Escrita por: KurohimeYuki

Notas do Autor


Biscoito! Hoje é segunda!
Eu sei.

Capítulo 85 - Biscoito


biscoito

CALUM, 13 ANOS. LUKE, 12 ANOS.

Jantares em família sempre eram péssimos, um desastre social, e tudo o que Luke mais queria era engatinhar para debaixo da mesa e comer normalmente, como uma pessoa normal. E com as mãos, não com garfo e faca.

Quem comia pizza com garfo e faca?

Quem era esse ser social e educado?

Luke não queria conhecê-lo.

Cada vez que tentava cortar um pedaço, Luke sentia que cortaria o prato; cada vez que mordia, Luke sentia-se tentado a passar a língua pela faca para não perder nada, nem um pedaço de queijo derretido, porque... Hum, aquilo era gostoso.

Se estivesse comendo com as mãos, Luke lamberia os dedos e o prato – lamber o prato claramente seria inaceitável naquele momento (e em todos os outros), mas o queijo estava macio e derretido e crocante e suculento e hum...

Luke queria mais.

Ele amava pizzas que tinham todos os sabores misturados numa massa docinha... Era tão... tão...

Luke sentia-se derretendo como aquele queijo, todas suas preocupações e o que fosse que não entendesse descendo garganta a baixo, para bem, bem fundo, enterrando-se profundamente, porque aquela pizza era tão boa.

-Droga – praguejou, fechando os olhos e saboreando. – Isso é tão bom que... Droga. Mais um pedaço por... – Luke abriu os olhos, arregalando-os ao perceber seu erro tarde demais.

O silêncio que pairava no ar era a prova certa – e, se não fosse, os olhares de pena da sua irmã seria. Quando ela sentia pena de alguém e ficava calada? Até seu pai tinha aquele olhar no seu rosto que dizia “oh-oh, eu não queria estar no seu lugar”. E Calum o olhava. Calum, que se recusava a olhá-lo por mais de um segundo, agora o olhava fixamente.

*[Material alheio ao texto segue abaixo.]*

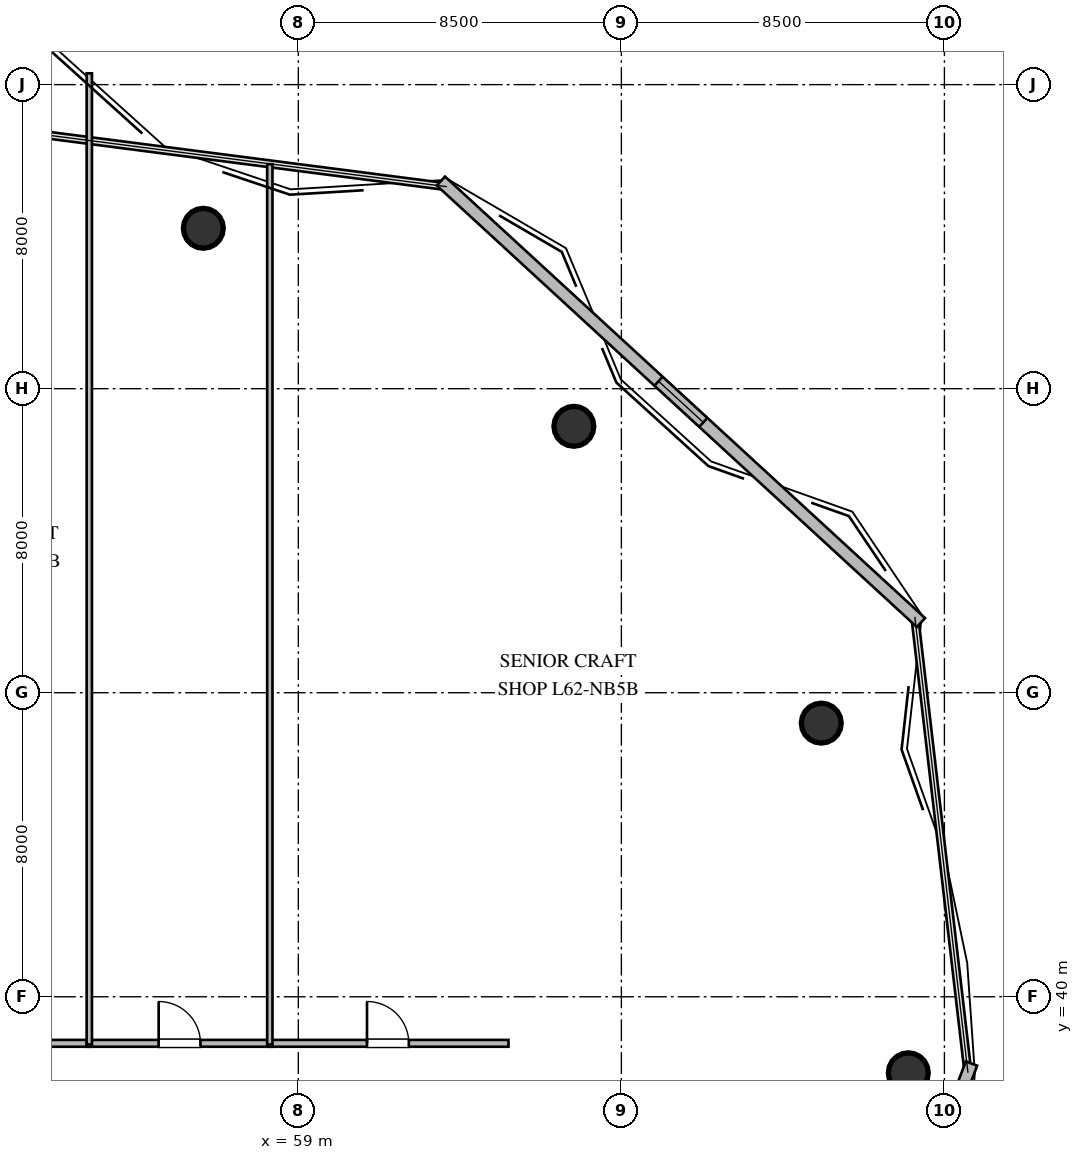
"""IFC4 building model, lengths in metres.
Left out: names, types, materials, properties, quantities, classifications, styles, units other than length and angle.
Written with IfcOpenShell. Run it as: python <this file> out.ifc"""

import sys

from ifc_helpers import new_model, si_unit, direction, frame, frame_2d, origin, origin_2d, place, context, subcontext, project, spatial, rectangle, circle, extrude, element, fill, save


model = new_model("IFC4")
c1 = context("Model", 3, precision=1e-05, world=origin(), true_north=direction((0.0, 1.0)))
c2 = subcontext(c1, "Body", "Model", "MODEL_VIEW")
j1 = project(units=[si_unit("LENGTHUNIT", "METRE"), si_unit("PLANEANGLEUNIT", "RADIAN")], contexts=[c1])
p1 = place(None, origin())
s1 = spatial("IfcSite", under=j1, at=p1, CompositionType="ELEMENT")
p2 = place(p1, origin())
s2 = spatial("IfcBuilding", under=s1, at=p2, CompositionType="ELEMENT")
p3 = place(p2, frame((0.0, 0.0, 235.2)))
s3 = spatial("IfcBuildingStorey", under=s2, at=p3, CompositionType="ELEMENT", Elevation=235.2)
for number, where, z_axis, x_axis in (
    (1, (75.05, 38.0, 0.0), (0.0, 0.0, 1.0), (1.0, 0.0, 0.0)),
    (2, (72.76, 47.2, 0.0), (0.0, 0.0, 1.0), (1.0, 0.0, 0.0)),
    (3, (66.25, 55.01, 0.0), (0.0, 0.0, 1.0), (1.0, 0.0, 0.0)),
    (4, (56.5, 60.22, 0.0), (0.0, 0.0, 1.0), (1.0, 0.0, 0.0)),
):
    element("IfcColumn", number, at=place(p3, frame(where, z_axis=z_axis, x_axis=x_axis)), inside=s3, PredefinedType="COLUMN", context=c2, shape_type="SweptSolid", body=[
        extrude(circle(Radius=0.525, at=origin_2d()), origin(), (0.0, 0.0, 1.0), 3.6),
    ])
p4 = place(p3, frame((76.712, 38.243, 0.0), z_axis=(0.0, 0.0, 1.0), x_axis=(-0.353659523244, -0.935374225441, 0.0)))
e5 = element("IfcWall", 5, at=p4, inside=s3, PredefinedType="STANDARD", context=c2, shape_type="SweptSolid", body=[
    extrude(rectangle(XDim=14.172, YDim=0.32, at=frame_2d((7.086, 0.0))), origin(), (0.0, 0.0, 1.0), 3.36),
])
p5 = place(p3, frame((62.751, 61.463, 0.0), z_axis=(0.0, 0.0, 1.0), x_axis=(0.736063690764, -0.676912286149, 0.0)))
e6 = element("IfcWall", 6, at=p5, inside=s3, PredefinedType="STANDARD", context=c2, shape_type="SweptSolid", body=[
    extrude(rectangle(XDim=17.162, YDim=0.32, at=frame_2d((8.581, 0.0))), origin(), (0.0, 0.0, 1.0), 3.36),
])
p6 = place(p5, frame((7.781, 0.0, 1.05)))
e7 = element("IfcOpeningElement", 7, at=p6, cuts=e6, PredefinedType="OPENING", context=c2, shape_type="SweptSolid", body=[
    extrude(rectangle(XDim=1.6, YDim=1.5, at=frame_2d((0.8, 0.75))), frame((0.0, 0.17, 0.0), z_axis=(0.0, -1.0, 0.0), x_axis=(1.0, 0.0, 0.0)), (0.0, 0.0, 1.0), 0.34),
])
p7 = place(p3, frame((48.185, 38.775, 0.0), z_axis=(0.0, 0.0, 1.0), x_axis=(1.0, 0.0, 0.0)))
e8 = element("IfcWall", 8, at=p7, inside=s3, PredefinedType="PARTITIONING", context=c2, shape_type="SweptSolid", body=[
    extrude(rectangle(XDim=5.38, YDim=0.18, at=frame_2d((2.69, 0.0))), origin(), (0.0, 0.0, 1.0), 3.36),
])
p8 = place(p7, frame((2.14, 0.0, 0.0)))
e9 = element("IfcOpeningElement", 9, at=p8, cuts=e8, PredefinedType="OPENING", context=c2, shape_type="SweptSolid", body=[
    extrude(rectangle(XDim=1.1, YDim=2.1, at=frame_2d((0.55, 1.05))), frame((0.0, 0.1, 0.0), z_axis=(0.0, -1.0, 0.0), x_axis=(1.0, 0.0, 0.0)), (0.0, 0.0, 1.0), 0.2),
])
p9 = place(p3, frame((53.435, 38.775, 0.0), z_axis=(0.0, 0.0, 1.0), x_axis=(1.0, 0.0, 0.0)))
e10 = element("IfcWall", 10, at=p9, inside=s3, PredefinedType="PARTITIONING", context=c2, shape_type="SweptSolid", body=[
    extrude(rectangle(XDim=4.88, YDim=0.18, at=frame_2d((2.44, 0.0))), origin(), (0.0, 0.0, 1.0), 3.36),
])
p10 = place(p9, frame((1.89, 0.0, 0.0)))
e11 = element("IfcOpeningElement", 11, at=p10, cuts=e10, PredefinedType="OPENING", context=c2, shape_type="SweptSolid", body=[
    extrude(rectangle(XDim=1.1, YDim=2.1, at=frame_2d((0.55, 1.05))), frame((0.0, 0.1, 0.0), z_axis=(0.0, -1.0, 0.0), x_axis=(1.0, 0.0, 0.0)), (0.0, 0.0, 1.0), 0.2),
])
p11 = place(p3, frame((58.185, 38.775, 0.0), z_axis=(0.0, 0.0, 1.0), x_axis=(1.0, 0.0, 0.0)))
e12 = element("IfcWall", 12, at=p11, inside=s3, PredefinedType="PARTITIONING", context=c2, shape_type="SweptSolid", body=[
    extrude(rectangle(XDim=6.345, YDim=0.18, at=frame_2d((3.172, 0.0))), origin(), (0.0, 0.0, 1.0), 3.36),
])
p12 = place(p11, frame((2.622, 0.0, 0.0)))
e13 = element("IfcOpeningElement", 13, at=p12, cuts=e12, PredefinedType="OPENING", context=c2, shape_type="SweptSolid", body=[
    extrude(rectangle(XDim=1.1, YDim=2.1, at=frame_2d((0.55, 1.05))), frame((0.0, 0.1, 0.0), z_axis=(0.0, -1.0, 0.0), x_axis=(1.0, 0.0, 0.0)), (0.0, 0.0, 1.0), 0.2),
])
p13 = place(p3, frame((53.5, 64.298, 0.0), z_axis=(0.0, 0.0, 1.0), x_axis=(0.0, -1.0, 0.0)))
e14 = element("IfcWall", 14, at=p13, inside=s3, PredefinedType="PARTITIONING", context=c2, shape_type="SweptSolid", body=[
    extrude(rectangle(XDim=25.553, YDim=0.14, at=frame_2d((12.776, 0.0))), origin(), (0.0, 0.0, 1.0), 3.36),
])
p14 = place(p3, frame((58.25, 61.906, 0.0), z_axis=(0.0, 0.0, 1.0), x_axis=(0.0, -1.0, 0.0)))
e15 = element("IfcWall", 15, at=p14, inside=s3, PredefinedType="PARTITIONING", context=c2, shape_type="SweptSolid", body=[
    extrude(rectangle(XDim=23.161, YDim=0.14, at=frame_2d((11.581, 0.0))), origin(), (0.0, 0.0, 1.0), 3.36),
])
p15 = place(p6, origin())
e16 = element("IfcWindow", 16, at=p15, inside=s3, PartitioningType="SINGLE_PANEL", PredefinedType="WINDOW", context=c2, shape_type="SweptSolid", body=[
    extrude(rectangle(XDim=1.6, YDim=1.5, at=frame_2d((0.8, 0.75))), frame((0.0, 0.03, 0.0), z_axis=(0.0, -1.0, 0.0), x_axis=(1.0, 0.0, 0.0)), (0.0, 0.0, 1.0), 0.06),
])
fill(e7, e16)
p16 = place(p10, origin())
e17 = element("IfcDoor", 17, at=p16, inside=s3, OperationType="SINGLE_SWING_LEFT", PredefinedType="DOOR", context=c2, shape_type="SweptSolid", body=[
    extrude(rectangle(XDim=1.1, YDim=2.1, at=frame_2d((0.55, 1.05))), frame((0.0, 0.025, 0.0), z_axis=(0.0, -1.0, 0.0), x_axis=(1.0, 0.0, 0.0)), (0.0, 0.0, 1.0), 0.05),
])
fill(e11, e17)
p17 = place(p12, origin())
e18 = element("IfcDoor", 18, at=p17, inside=s3, OperationType="SINGLE_SWING_LEFT", PredefinedType="DOOR", context=c2, shape_type="SweptSolid", body=[
    extrude(rectangle(XDim=1.1, YDim=2.1, at=frame_2d((0.55, 1.05))), frame((0.0, 0.025, 0.0), z_axis=(0.0, -1.0, 0.0), x_axis=(1.0, 0.0, 0.0)), (0.0, 0.0, 1.0), 0.05),
])
fill(e13, e18)
save(model, sys.argv[1])

Luke desviou os olhos, constrangido, para sua mãe, que nem prestava atenção nele, e, antes que pudesse suspirar de alivio, ela comentou calmamente, cortando a pizza como a pessoa educada que era:

-Complete isso e você está lavando os pratos hoje, Luke Hemmings.

-Droga não é palavrão! – exclamou Luke, contrariado.

-Qualquer palavra é um palavrão, Luke, querido – disse Liz, do mesmo jeito que o mandaria lavar a boca com sabão. – Eu poderia dizer "foda-se" que teria o mesmo efeito que droga, poderia falar "biscoito" que o sentido não mudaria.

Ahn... Luke abriu a boca e a fechou, impressionado.

Calum abriu a sua e começou a rir, por que quem diria que Liz Hemmings diria um palavrão e ele seria “biscoito”?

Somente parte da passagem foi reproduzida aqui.